I didn’t know any better

  • I didn’t know any better

Twelve years teaching with little to no support led to stagnation and depression for NAHT president Gail Larkin. But with the right mentoring, things can quickly turn around, as she discovered...

I cannot ever remember a time when I did not know I would become a teacher. As a young child, I would sit my dolls in rows whilst I read books to them, took the register and told them off when they misbehaved.

I was sporty, creative, practical and musical – qualities not much admired or appreciated at the girls’ grammar school I attended. I was bored. The teaching certainly did not match my style of learning and I became quite a rebellious student. As a result, I remember spending most of my days standing under the clock outside the headmistress’ office, but this made me even more determined to become a teacher to show them ‘how it should be done’.

The aforementioned headmistress almost passed out with shock when, on my last day at school, I informed her I was going to become a teacher and had been offered a place at the renowned Froebel Institute – though why I chose to go there remains a mystery to this day as there was a 10pm curfew, no bar and (worst of all) no boys. It was though, a very forward-thinking training college. I had found my true vocation and was at my happiest when I was in the classroom on various teaching practices.

I applied for a post in the Inner London Education Authority in 1974 where my interview at County Hall was conducted in French, which had been my main subject. I must have excelled at this interview because I was then allocated a teaching post at a school in Wandsworth where not a word of French was ever uttered!

Thus began a very lonely and isolating experience for me and many a night I made my way home on the top deck of the 93 bus in floods of tears believing that I was a useless classroom practitioner. Imitation was certainly not seen as the sincerest form of flattery. Experienced teachers worked hard to keep their best ideas to themselves. No sharing of skills, knowledge or experience here. I was told that I would learn by my mistakes and I certainly made plenty of those. But I persevered as I just loved being in the classroom and bonding with the lovely children in my class.

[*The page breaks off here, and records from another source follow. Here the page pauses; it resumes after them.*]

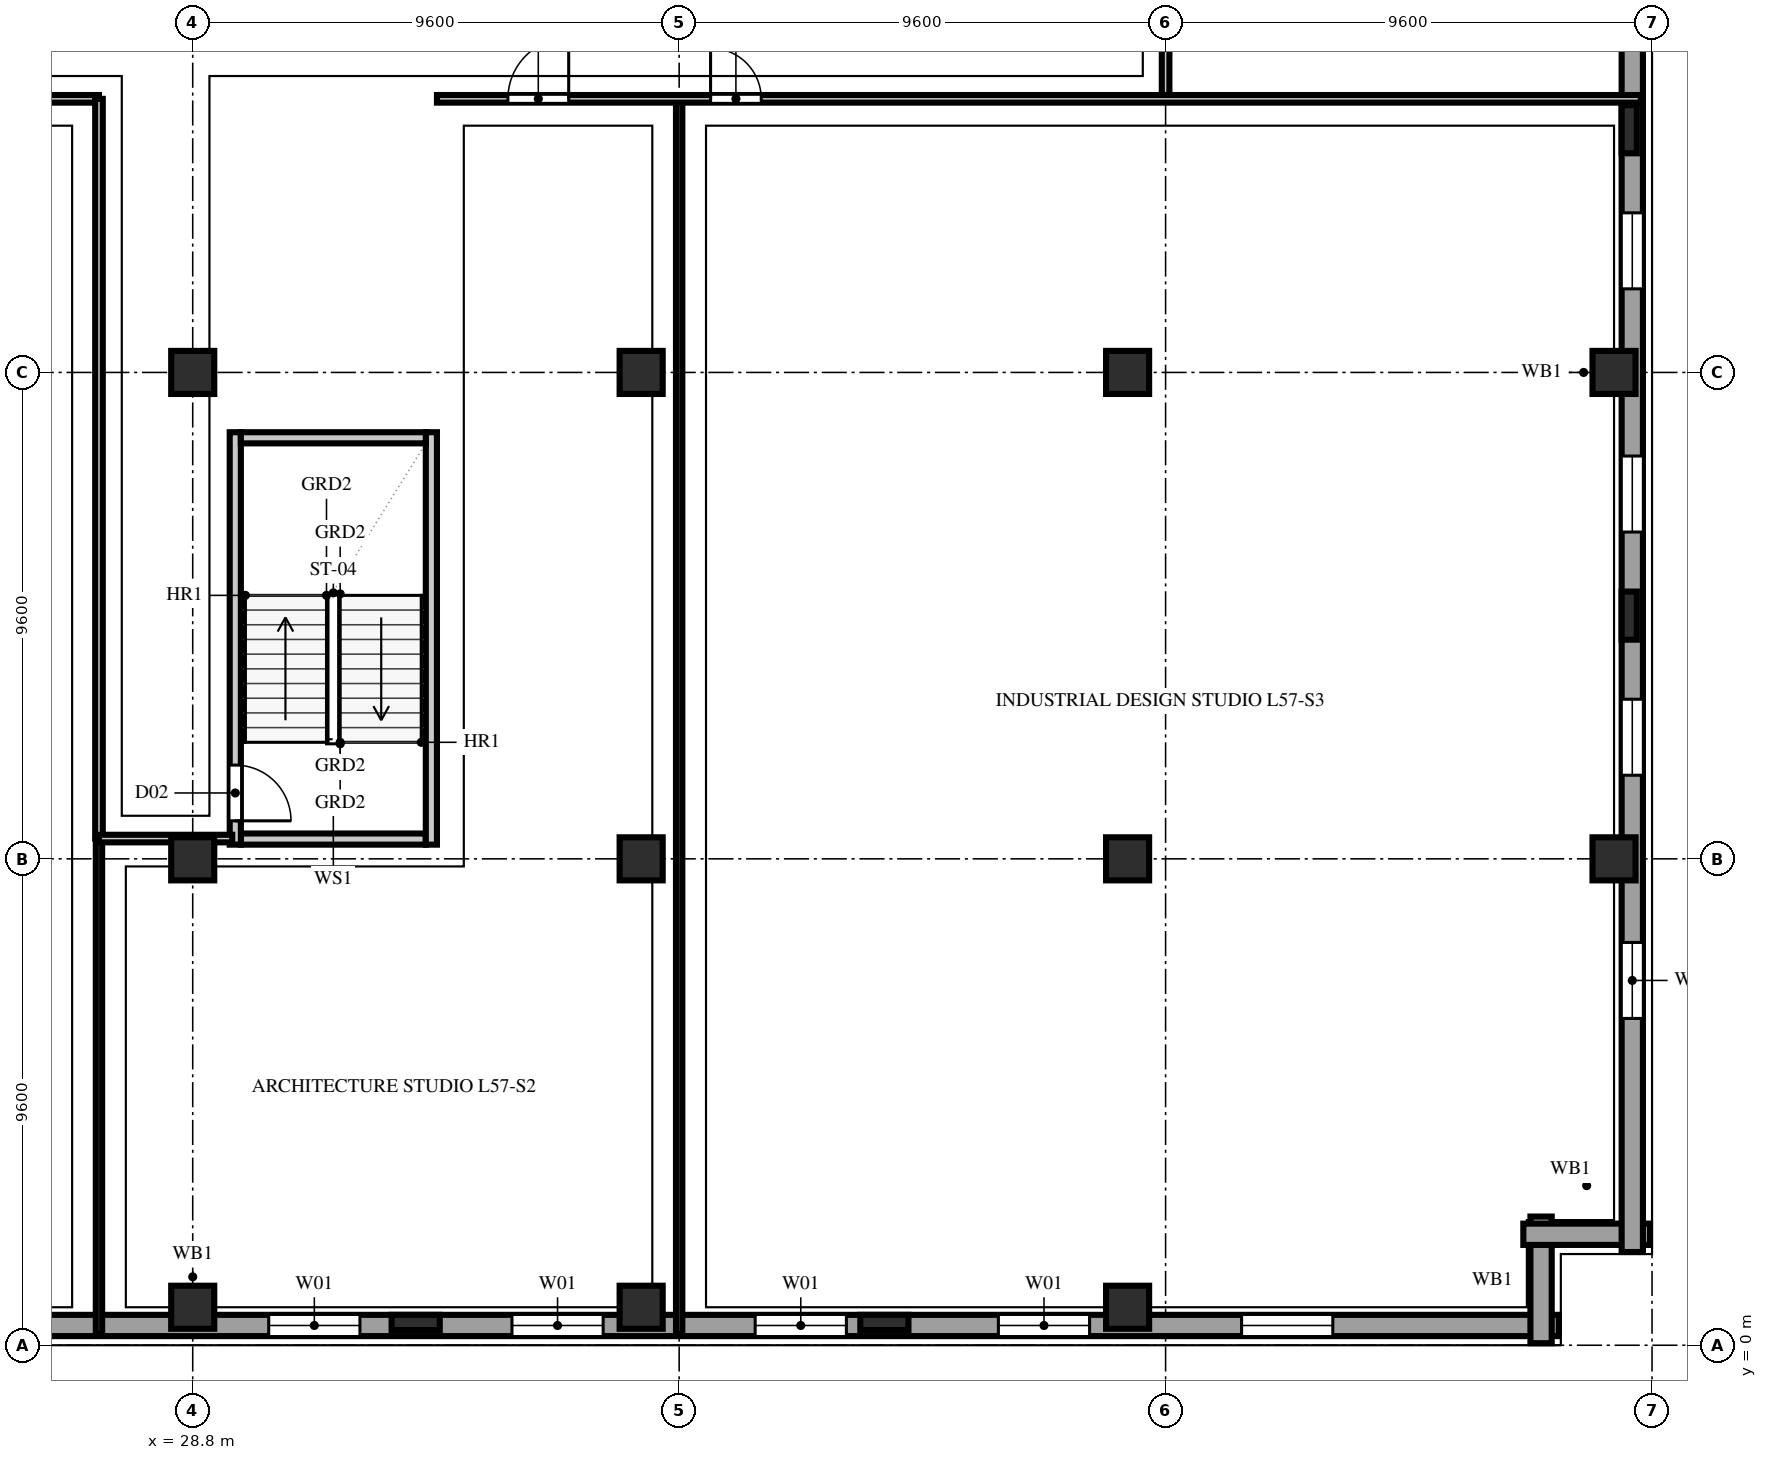
"""IFC4 building model, lengths in metres.
Left out: names, types, materials, properties, quantities, classifications, styles, units other than length and angle.
Written with IfcOpenShell. Run it as: python <this file> out.ifc"""

import sys

from ifc_helpers import new_model, si_unit, direction, frame, frame_2d, origin, origin_2d, place, context, subcontext, project, spatial, rectangle, extrude, element, fill, save


model = new_model("IFC4")
c1 = context("Model", 3, precision=1e-05, world=origin(), true_north=direction((0.0, 1.0)))
c2 = subcontext(c1, "Body", "Model", "MODEL_VIEW")
j1 = project(units=[si_unit("LENGTHUNIT", "METRE"), si_unit("PLANEANGLEUNIT", "RADIAN")], contexts=[c1])
p1 = place(None, origin())
s1 = spatial("IfcSite", under=j1, at=p1, CompositionType="ELEMENT")
p2 = place(p1, origin())
s2 = spatial("IfcBuilding", under=s1, at=p2, CompositionType="ELEMENT")
p3 = place(p2, frame((0.0, 0.0, 225.6)))
s3 = spatial("IfcBuildingStorey", under=s2, at=p3, CompositionType="ELEMENT", Elevation=225.6)
for number, where, z_axis, x_axis in (
    (1, (28.8, 0.75, 0.0), (0.0, 0.0, 1.0), (1.0, 0.0, 0.0)),
    (2, (28.8, 9.6, 0.0), (0.0, 0.0, 1.0), (1.0, 0.0, 0.0)),
    (3, (28.8, 19.2, 0.0), (0.0, 0.0, 1.0), (1.0, 0.0, 0.0)),
    (4, (37.65, 0.75, 0.0), (0.0, 0.0, 1.0), (1.0, 0.0, 0.0)),
    (5, (37.65, 9.6, 0.0), (0.0, 0.0, 1.0), (1.0, 0.0, 0.0)),
    (6, (37.65, 19.2, 0.0), (0.0, 0.0, 1.0), (1.0, 0.0, 0.0)),
    (7, (47.25, 0.75, 0.0), (0.0, 0.0, 1.0), (1.0, 0.0, 0.0)),
    (8, (47.25, 9.6, 0.0), (0.0, 0.0, 1.0), (1.0, 0.0, 0.0)),
    (9, (47.25, 19.2, 0.0), (0.0, 0.0, 1.0), (1.0, 0.0, 0.0)),
    (10, (56.85, 9.6, 0.0), (0.0, 0.0, 1.0), (1.0, 0.0, 0.0)),
    (11, (56.85, 19.2, 0.0), (0.0, 0.0, 1.0), (1.0, 0.0, 0.0)),
):
    element("IfcColumn", number, at=place(p3, frame(where, z_axis=z_axis, x_axis=x_axis)), inside=s3, PredefinedType="COLUMN", context=c2, shape_type="SweptSolid", body=[
        extrude(rectangle(XDim=0.85, YDim=0.85, at=origin_2d()), origin(), (0.0, 0.0, 1.0), 3.8),
    ])
for number, where, z_axis, x_axis in (
    (12, (33.2, 0.45, 0.0), (0.0, 0.0, 1.0), (1.0, 0.0, 0.0)),
    (13, (42.45, 0.45, 0.0), (0.0, 0.0, 1.0), (1.0, 0.0, 0.0)),
    (14, (57.15, 14.4, 0.0), (0.0, 0.0, 1.0), (0.0, 1.0, 0.0)),
    (15, (57.15, 24.0, 0.0), (0.0, 0.0, 1.0), (0.0, 1.0, 0.0)),
):
    element("IfcColumn", number, at=place(p3, frame(where, z_axis=z_axis, x_axis=x_axis)), inside=s3, PredefinedType="PILASTER", context=c2, shape_type="SweptSolid", body=[
        extrude(rectangle(XDim=0.95, YDim=0.3, at=origin_2d()), origin(), (0.0, 0.0, 1.0), 3.8),
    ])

And here I remained for 12 long years – churning out the same old lessons week in and week out. I often ask myself why I stayed that long and the answer lies in the fact that I didn’t know any better and that, with a young family to look after, I was too worn out to seek another post. There was no career development, no advice and no performance management. Indeed, I only found out that I had passed my ‘probation year’ when an inspector strolled past and told me that my classroom looked very orderly and the headmaster had informed him that I should pass. And that was that. I was a fully-fledged classroom teacher.

The children in my class lived in an area of severe social deprivation. I gave them everything I could but juggling the classroom and motherhood eventually proved too much. I was hospitalised for a stress-related illness. Fortunately for me I was eventually ‘rescued’ by the headteacher of a local school who, as she told me later, recognised my potential and took me under her wing. For the first time, I was offered support and training and my performance was regularly appraised. And I loved it! I flourished and within three years was appointed as a deputy headteacher at a nearby school and, as the saying goes, the rest is history.

Sadly, it seems to me that although we now live in a society with broader horizons and better prospects, young teachers still struggle for support as I did. I wonder where the next generation of leaders is going to come from. How I wish that a service like NAHT Edge, had existed when I was starting out. NAHT Edge works for teachers in the position in which I found myself after a few years in the profession – asking myself “what’s next?”. Mentoring, support, a space to share and learn what works and doesn’t work in the classroom and the staffroom are all things that up and coming school leaders need, want and deserve.

It’s a privilege to be this year’s President of NAHT, an association I first joined in 1989. I’m proud that our association is leading the way in supporting colleagues who want to get on, to become great teachers and to do it their way, as I have always tried to do.

About the author

Gail Larkin is president of the National Association of Headteachers (NAHT) and a former headteacher.